Wednesday, April 11, 2007

Murray and Homelessness

UCLA tonight is featuring a lecture by Malcolm Gladwell, author of that really cool book The Tipping Point. Gladwell will talk about a specific issue that he wrote about a year ago in the New Yorker: "Million-Dollar Murray: Why problems like homelessness may be easier to solve than to manage."

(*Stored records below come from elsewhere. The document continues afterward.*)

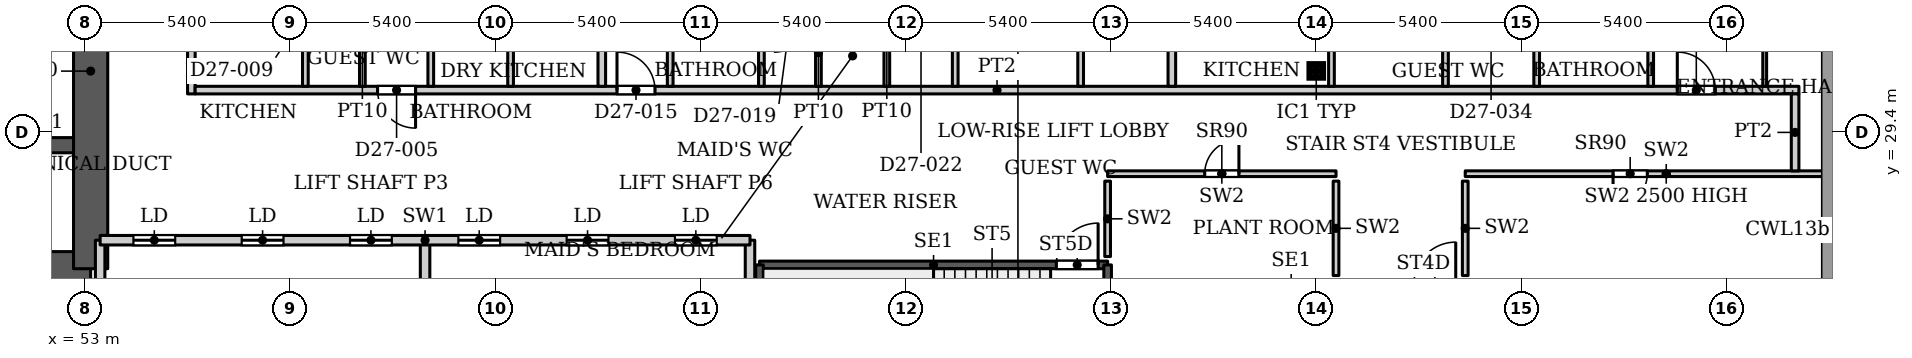
"""IFC4 building model, lengths in metres.
Left out: names, types, materials, properties, quantities, classifications, styles, units other than length and angle.
Written with IfcOpenShell. Run it as: python <this file> out.ifc"""

import sys

from ifc_helpers import new_model, si_unit, direction, frame, frame_2d, origin, origin_2d, place, context, subcontext, project, spatial, rectangle, hollow_rectangle, extrude, source, transform, mapped, element, fill, save


model = new_model("IFC4")
c1 = context("Model", 3, precision=1e-05, world=origin(), true_north=direction((0.0, 1.0)))
c2 = subcontext(c1, "Body", "Model", "MODEL_VIEW")
j1 = project(units=[si_unit("LENGTHUNIT", "METRE"), si_unit("PLANEANGLEUNIT", "RADIAN")], contexts=[c1])
p1 = place(None, origin())
s1 = spatial("IfcSite", under=j1, at=p1, CompositionType="ELEMENT")
p2 = place(p1, origin())
s2 = spatial("IfcBuilding", under=s1, at=p2, CompositionType="ELEMENT")
p3 = place(p2, frame((0.0, 0.0, 121.4)))
s3 = spatial("IfcBuildingStorey", under=s2, at=p3, CompositionType="ELEMENT", Elevation=121.4)
p4 = place(p3, frame((85.4, 31.005, 0.0), z_axis=(0.0, 0.0, 1.0), x_axis=(1.0, 0.0, 0.0)))
e1 = element("IfcColumn", 1, at=p4, inside=s3, PredefinedType="COLUMN", context=c2, shape_type="SweptSolid", body=[
    extrude(hollow_rectangle(XDim=0.356, YDim=0.356, WallThickness=0.016, InnerFilletRadius=0.016, OuterFilletRadius=0.032, at=origin_2d()), origin(), (0.0, 0.0, 1.0), 3.9),
])
p5 = place(p3, frame((34.75, 25.8, 0.0), z_axis=(0.0, 0.0, 1.0), x_axis=(1.0, 0.0, 0.0)))
e2 = element("IfcWall", 2, at=p5, inside=s3, PredefinedType="SHEAR", context=c2, shape_type="SweptSolid", body=[
    extrude(rectangle(XDim=18.4, YDim=0.9, at=frame_2d((9.2, 0.0))), origin(), (0.0, 0.0, 1.0), 3.9),
])
p6 = place(p3, frame((34.75, 29.05, 0.0), z_axis=(0.0, 0.0, 1.0), x_axis=(1.0, 0.0, 0.0)))
e3 = element("IfcWall", 3, at=p6, inside=s3, PredefinedType="SHEAR", context=c2, shape_type="SweptSolid", body=[
    extrude(rectangle(XDim=18.4, YDim=0.4, at=frame_2d((9.2, 0.0))), origin(), (0.0, 0.0, 1.0), 3.9),
])
p7 = place(p6, frame((15.125, 0.0, 0.0)))
e4 = element("IfcOpeningElement", 4, at=p7, cuts=e3, PredefinedType="OPENING", context=c2, shape_type="SweptSolid", body=[
    extrude(rectangle(XDim=1.1, YDim=2.2, at=frame_2d((0.55, 1.1))), frame((0.0, 0.21, 0.0), z_axis=(0.0, -1.0, 0.0), x_axis=(1.0, 0.0, 0.0)), (0.0, 0.0, 1.0), 0.42),
])
p8 = place(p3, frame((53.15, 25.8, 0.0), z_axis=(0.0, 0.0, 1.0), x_axis=(0.0, 1.0, 0.0)))
e5 = element("IfcWall", 5, at=p8, inside=s3, PredefinedType="SHEAR", context=c2, shape_type="SweptSolid", body=[
    extrude(rectangle(XDim=10.4, YDim=0.9, at=frame_2d((5.2, 0.0))), origin(), (0.0, 0.0, 1.0), 3.9),
])
p9 = place(p3, frame((70.75, 25.9, 0.0), z_axis=(0.0, 0.0, 1.0), x_axis=(1.0, 0.0, 0.0)))
e6 = element("IfcWall", 6, at=p9, inside=s3, PredefinedType="SHEAR", context=c2, shape_type="SweptSolid", body=[
    extrude(rectangle(XDim=9.16, YDim=0.2, at=frame_2d((4.58, 0.0))), origin(), (0.0, 0.0, 1.0), 3.9),
])
p10 = place(p9, frame((7.81, 0.0, 0.0)))
e7 = element("IfcOpeningElement", 7, at=p10, cuts=e6, PredefinedType="OPENING", context=c2, shape_type="SweptSolid", body=[
    extrude(rectangle(XDim=1.1, YDim=2.2, at=frame_2d((0.55, 1.1))), frame((0.0, 0.11, 0.0), z_axis=(0.0, -1.0, 0.0), x_axis=(1.0, 0.0, 0.0)), (0.0, 0.0, 1.0), 0.22),
])
for number, where, z_axis, x_axis in (
    (8, (70.75, 22.75, 0.0), (0.0, 0.0, 1.0), (0.0, 1.0, 0.0)),
    (9, (79.91, 22.75, 0.0), (0.0, 0.0, 1.0), (0.0, 1.0, 0.0)),
):
    element("IfcWall", number, at=place(p3, frame(where, z_axis=z_axis, x_axis=x_axis)), inside=s3, PredefinedType="SHEAR", context=c2, shape_type="SweptSolid", body=[
        extrude(rectangle(XDim=3.15, YDim=0.2, at=frame_2d((1.575, 0.0))), origin(), (0.0, 0.0, 1.0), 3.9),
    ])
for number, where, z_axis, x_axis in (
    (10, (53.4, 23.7, 0.0), (0.0, 0.0, 1.0), (0.0, 1.0, 0.0)),
    (11, (61.95, 23.7, 0.0), (0.0, 0.0, 1.0), (0.0, 1.0, 0.0)),
    (12, (70.5, 23.7, 0.0), (0.0, 0.0, 1.0), (0.0, 1.0, 0.0)),
):
    element("IfcWall", number, at=place(p3, frame(where, z_axis=z_axis, x_axis=x_axis)), inside=s3, PredefinedType="PARTITIONING", context=c2, shape_type="SweptSolid", body=[
        extrude(rectangle(XDim=2.85, YDim=0.25, at=frame_2d((1.425, 0.0))), origin(), (0.0, 0.0, 1.0), 3.9),
    ])
p11 = place(p3, frame((53.4, 26.55, 0.0), z_axis=(0.0, 0.0, 1.0), x_axis=(1.0, 0.0, 0.0)))
e13 = element("IfcWall", 13, at=p11, inside=s3, PredefinedType="PARTITIONING", context=c2, shape_type="SweptSolid", body=[
    extrude(rectangle(XDim=17.1, YDim=0.25, at=frame_2d((8.55, 0.0))), origin(), (0.0, 0.0, 1.0), 3.9),
])
p12 = place(p11, frame((0.875, 0.0, 0.0)))
e14 = element("IfcOpeningElement", 14, at=p12, cuts=e13, PredefinedType="OPENING", context=c2, shape_type="SweptSolid", body=[
    extrude(rectangle(XDim=1.1, YDim=2.2, at=frame_2d((0.55, 1.1))), frame((0.0, 0.135, 0.0), z_axis=(0.0, -1.0, 0.0), x_axis=(1.0, 0.0, 0.0)), (0.0, 0.0, 1.0), 0.27),
])
p13 = place(p11, frame((3.725, 0.0, 0.0)))
e15 = element("IfcOpeningElement", 15, at=p13, cuts=e13, PredefinedType="OPENING", context=c2, shape_type="SweptSolid", body=[
    extrude(rectangle(XDim=1.1, YDim=2.2, at=frame_2d((0.55, 1.1))), frame((0.0, 0.135, 0.0), z_axis=(0.0, -1.0, 0.0), x_axis=(1.0, 0.0, 0.0)), (0.0, 0.0, 1.0), 0.27),
])
p14 = place(p11, frame((6.575, 0.0, 0.0)))
e16 = element("IfcOpeningElement", 16, at=p14, cuts=e13, PredefinedType="OPENING", context=c2, shape_type="SweptSolid", body=[
    extrude(rectangle(XDim=1.1, YDim=2.2, at=frame_2d((0.55, 1.1))), frame((0.0, 0.135, 0.0), z_axis=(0.0, -1.0, 0.0), x_axis=(1.0, 0.0, 0.0)), (0.0, 0.0, 1.0), 0.27),
])
p15 = place(p11, frame((9.425, 0.0, 0.0)))
e17 = element("IfcOpeningElement", 17, at=p15, cuts=e13, PredefinedType="OPENING", context=c2, shape_type="SweptSolid", body=[
    extrude(rectangle(XDim=1.1, YDim=2.2, at=frame_2d((0.55, 1.1))), frame((0.0, 0.135, 0.0), z_axis=(0.0, -1.0, 0.0), x_axis=(1.0, 0.0, 0.0)), (0.0, 0.0, 1.0), 0.27),
])
p16 = place(p11, frame((12.275, 0.0, 0.0)))
e18 = element("IfcOpeningElement", 18, at=p16, cuts=e13, PredefinedType="OPENING", context=c2, shape_type="SweptSolid", body=[
    extrude(rectangle(XDim=1.1, YDim=2.2, at=frame_2d((0.55, 1.1))), frame((0.0, 0.135, 0.0), z_axis=(0.0, -1.0, 0.0), x_axis=(1.0, 0.0, 0.0)), (0.0, 0.0, 1.0), 0.27),
])
p17 = place(p11, frame((15.125, 0.0, 0.0)))
e19 = element("IfcOpeningElement", 19, at=p17, cuts=e13, PredefinedType="OPENING", context=c2, shape_type="SweptSolid", body=[
    extrude(rectangle(XDim=1.1, YDim=2.2, at=frame_2d((0.55, 1.1))), frame((0.0, 0.135, 0.0), z_axis=(0.0, -1.0, 0.0), x_axis=(1.0, 0.0, 0.0)), (0.0, 0.0, 1.0), 0.27),
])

The basic lesson behind "Murray" is similar to that behind "the law of the few" in The Tipping Point: pay attention to the few people who really make a difference. Why?
In the nineteen-eighties, when homelessness first surfaced as a national issue, the assumption was that the problem fit a normal distribution: that the vast majority of the homeless were in the same state of semi-permanent distress. It was an assumption that bred despair: if there were so many homeless, with so many problems, what could be done to help them?
Then, Dennis Culhane discovered something that "profoundly changed the way homelessness is understood":
Homelessness doesn't have a normal distribution, it turned out. It has a power-law distribution. "We found that eighty per cent of the homeless were in and out really quickly," he said. "In Philadelphia, the most common length of time that someone is homeless is one day. And the second most common length is two days. And they never come back... The next ten per cent were what Culhane calls episodic users. They would come for three weeks at a time, and return periodically, particularly in the winter... It was the last ten per cent—the group at the farthest edge of the curve—that interested Culhane the most. They were the chronically homeless, who lived in the shelters, sometimes for years at a time. They were older. Many were mentally ill or physically disabled, and when we think about homelessness as a social problem—the people sleeping on the sidewalk, aggressively panhandling, lying drunk in doorways, huddled on subway grates and under bridges—it's this group that we have in mind.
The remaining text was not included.